Three Signs Of A Cracked Heat Exchanger
It’s important to understand that, technically, you can only know for sure if the heat exchanger is cracked once you have it inspected. You can’t see it without taking apart the furnace. But, you can watch for these three signs:
- Your Carbon Monoxide Detector Keeps Going Off
- Your HVAC Tech Tested Your System’s CO Output
- Your Heater Turns On And Off Every Few Minutes
Your Carbon Monoxide Detector Keeps Going Off
The CO detector near your unit goes off if and when the gas starts building up inside your home. It’s usually a sign the heat exchanger is cracked — that’s where it’s coming from.
If it goes off only once, open the windows and call your HVAC contractor for service. With any luck, something with an easy fix caused it. But, if it keeps going off, leave the house and call the fire department.

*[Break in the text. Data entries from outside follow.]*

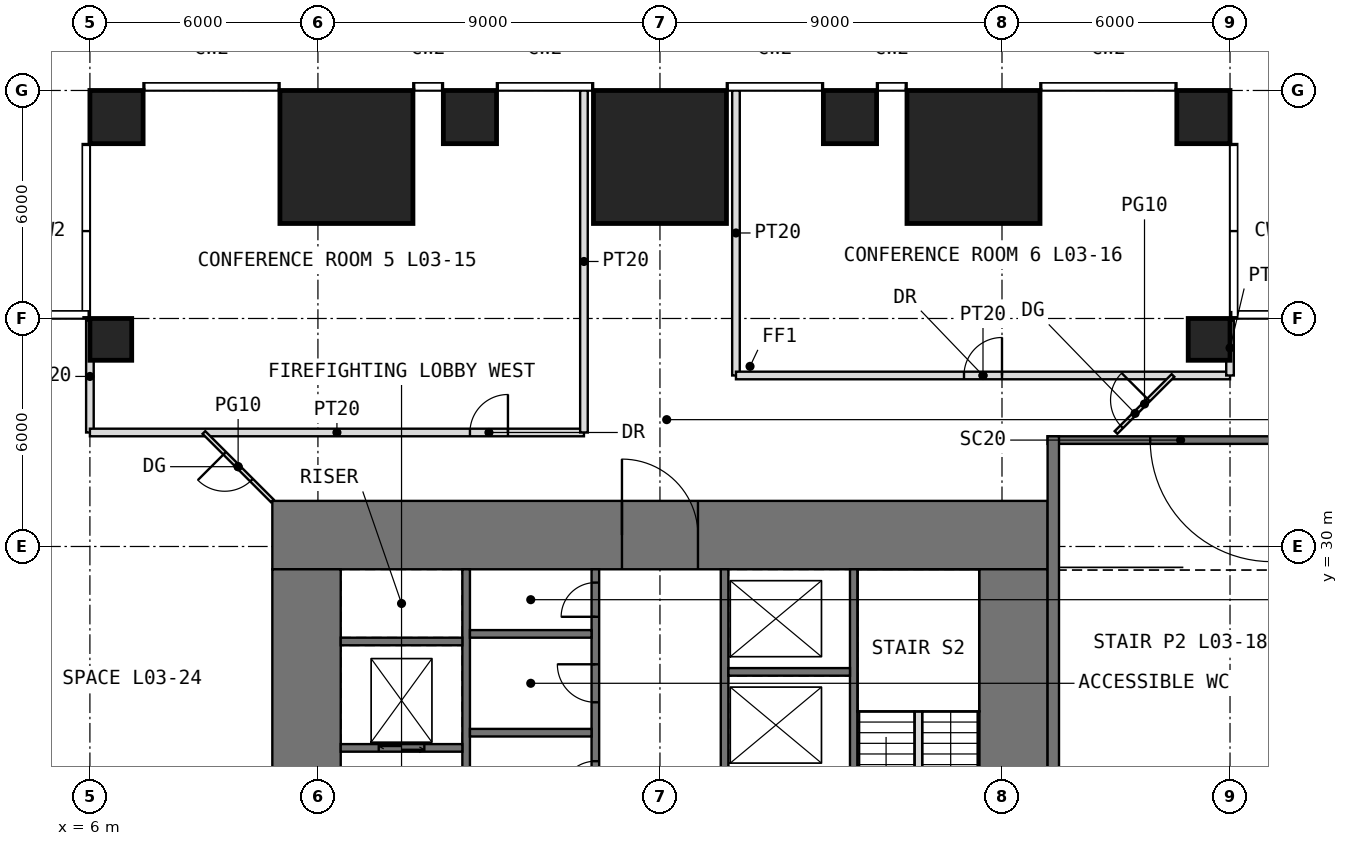
"""IFC4 building model, lengths in metres.
Left out: names, types, materials, properties, quantities, classifications, styles, units other than length and angle.
Written with IfcOpenShell. Run it as: python <this file> out.ifc"""

import sys

from ifc_helpers import new_model, si_unit, direction, frame, frame_2d, origin, origin_2d, place, context, subcontext, project, spatial, rectangle, extrude, element, fill, save


model = new_model("IFC4")
c1 = context("Model", 3, precision=1e-05, world=origin(), true_north=direction((0.0, 1.0)))
c2 = subcontext(c1, "Body", "Model", "MODEL_VIEW")
j1 = project(units=[si_unit("LENGTHUNIT", "METRE"), si_unit("PLANEANGLEUNIT", "RADIAN")], contexts=[c1])
p1 = place(None, origin())
s1 = spatial("IfcSite", under=j1, at=p1, CompositionType="ELEMENT")
p2 = place(p1, origin())
s2 = spatial("IfcBuilding", under=s1, at=p2, CompositionType="ELEMENT")
p3 = place(p2, frame((0.0, 0.0, 18.0)))
s3 = spatial("IfcBuildingStorey", under=s2, at=p3, CompositionType="ELEMENT", Elevation=18.0)
for number, where, z_axis, x_axis in (
    (1, (6.55, 35.45, 0.0), (0.0, 0.0, 1.0), (1.0, 0.0, 0.0)),
    (2, (35.45, 35.45, 0.0), (0.0, 0.0, 1.0), (1.0, 0.0, 0.0)),
):
    element("IfcColumn", number, at=place(p3, frame(where, z_axis=z_axis, x_axis=x_axis)), inside=s3, PredefinedType="COLUMN", context=c2, shape_type="SweptSolid", body=[
        extrude(rectangle(XDim=1.1, YDim=1.1, at=origin_2d()), origin(), (0.0, 0.0, 1.0), 4.5),
    ])
p4 = place(p3, frame((6.7, 41.3, 0.0), z_axis=(0.0, 0.0, 1.0), x_axis=(1.0, 0.0, 0.0)))
e3 = element("IfcColumn", 3, at=p4, inside=s3, PredefinedType="COLUMN", context=c2, shape_type="SweptSolid", body=[
    extrude(rectangle(XDim=1.4, YDim=1.4, at=origin_2d()), origin(), (0.0, 0.0, 1.0), 4.5),
])
p5 = place(p3, frame((12.75, 40.25, 0.0), z_axis=(0.0, 0.0, 1.0), x_axis=(1.0, 0.0, 0.0)))
e4 = element("IfcColumn", 4, at=p5, inside=s3, PredefinedType="COLUMN", context=c2, shape_type="SweptSolid", body=[
    extrude(rectangle(XDim=3.5, YDim=3.5, at=origin_2d()), origin(), (0.0, 0.0, 1.0), 4.5),
])
p6 = place(p3, frame((16.0, 41.3, 0.0), z_axis=(0.0, 0.0, 1.0), x_axis=(1.0, 0.0, 0.0)))
e5 = element("IfcColumn", 5, at=p6, inside=s3, PredefinedType="COLUMN", context=c2, shape_type="SweptSolid", body=[
    extrude(rectangle(XDim=1.4, YDim=1.4, at=origin_2d()), origin(), (0.0, 0.0, 1.0), 4.5),
])
p7 = place(p3, frame((21.0, 40.25, 0.0), z_axis=(0.0, 0.0, 1.0), x_axis=(1.0, 0.0, 0.0)))
e6 = element("IfcColumn", 6, at=p7, inside=s3, PredefinedType="COLUMN", context=c2, shape_type="SweptSolid", body=[
    extrude(rectangle(XDim=3.5, YDim=3.5, at=origin_2d()), origin(), (0.0, 0.0, 1.0), 4.5),
])
p8 = place(p3, frame((26.0, 41.3, 0.0), z_axis=(0.0, 0.0, 1.0), x_axis=(1.0, 0.0, 0.0)))
e7 = element("IfcColumn", 7, at=p8, inside=s3, PredefinedType="COLUMN", context=c2, shape_type="SweptSolid", body=[
    extrude(rectangle(XDim=1.4, YDim=1.4, at=origin_2d()), origin(), (0.0, 0.0, 1.0), 4.5),
])
p9 = place(p3, frame((29.25, 40.25, 0.0), z_axis=(0.0, 0.0, 1.0), x_axis=(1.0, 0.0, 0.0)))
e8 = element("IfcColumn", 8, at=p9, inside=s3, PredefinedType="COLUMN", context=c2, shape_type="SweptSolid", body=[
    extrude(rectangle(XDim=3.5, YDim=3.5, at=origin_2d()), origin(), (0.0, 0.0, 1.0), 4.5),
])
p10 = place(p3, frame((35.3, 41.3, 0.0), z_axis=(0.0, 0.0, 1.0), x_axis=(1.0, 0.0, 0.0)))
e9 = element("IfcColumn", 9, at=p10, inside=s3, PredefinedType="COLUMN", context=c2, shape_type="SweptSolid", body=[
    extrude(rectangle(XDim=1.4, YDim=1.4, at=origin_2d()), origin(), (0.0, 0.0, 1.0), 4.5),
])
p11 = place(p3, frame((10.8, 30.3, -0.2), z_axis=(0.0, 0.0, 1.0), x_axis=(1.0, 0.0, 0.0)))
e10 = element("IfcWall", 10, at=p11, inside=s3, PredefinedType="SHEAR", context=c2, shape_type="SweptSolid", body=[
    extrude(rectangle(XDim=20.4, YDim=1.8, at=frame_2d((10.2, 0.0))), origin(), (0.0, 0.0, 1.0), 4.65),
])
p12 = place(p11, frame((9.2, 0.0, 0.2)))
e11 = element("IfcOpeningElement", 11, at=p12, cuts=e10, PredefinedType="OPENING", context=c2, shape_type="SweptSolid", body=[
    extrude(rectangle(XDim=2.0, YDim=2.2, at=frame_2d((1.0, 1.1))), frame((0.0, 0.91, 0.0), z_axis=(0.0, -1.0, 0.0), x_axis=(1.0, 0.0, 0.0)), (0.0, 0.0, 1.0), 1.82),
])
p13 = place(p3, frame((11.7, 12.6, -0.2), z_axis=(0.0, 0.0, 1.0), x_axis=(0.0, 1.0, 0.0)))
e12 = element("IfcWall", 12, at=p13, inside=s3, PredefinedType="SHEAR", context=c2, shape_type="SweptSolid", body=[
    extrude(rectangle(XDim=16.8, YDim=1.8, at=frame_2d((8.4, 0.0))), origin(), (0.0, 0.0, 1.0), 4.65),
])
p14 = place(p13, frame((9.9, 0.0, 0.2)))
e13 = element("IfcOpeningElement", 13, at=p14, cuts=e12, PredefinedType="OPENING", context=c2, shape_type="SweptSolid", body=[
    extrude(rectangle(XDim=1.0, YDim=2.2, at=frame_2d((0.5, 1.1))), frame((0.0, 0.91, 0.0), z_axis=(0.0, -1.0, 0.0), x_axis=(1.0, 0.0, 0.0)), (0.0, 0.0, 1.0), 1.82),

Your HVAC Tech Tested Your System’s CO Output
An HVAC tech can test your exhaust levels to see if any of that gas is escaping the unit. This process is how most cracked heat exchangers get found. Unfortunately, it’s also an opportunity for scammers.
Since you can’t see the part yourself, you have to take tech’s word for it. But, we’ll go through some ways to avoid a scam a little later in this article.
Your Heater Turns On And Off Every Few Minutes
“Short-cycling” is when your heater turns on and off every few minutes. It should run for 10 to fifteen minutes at a time. But, if the system is overheated, it will turn itself off before it gets damaged.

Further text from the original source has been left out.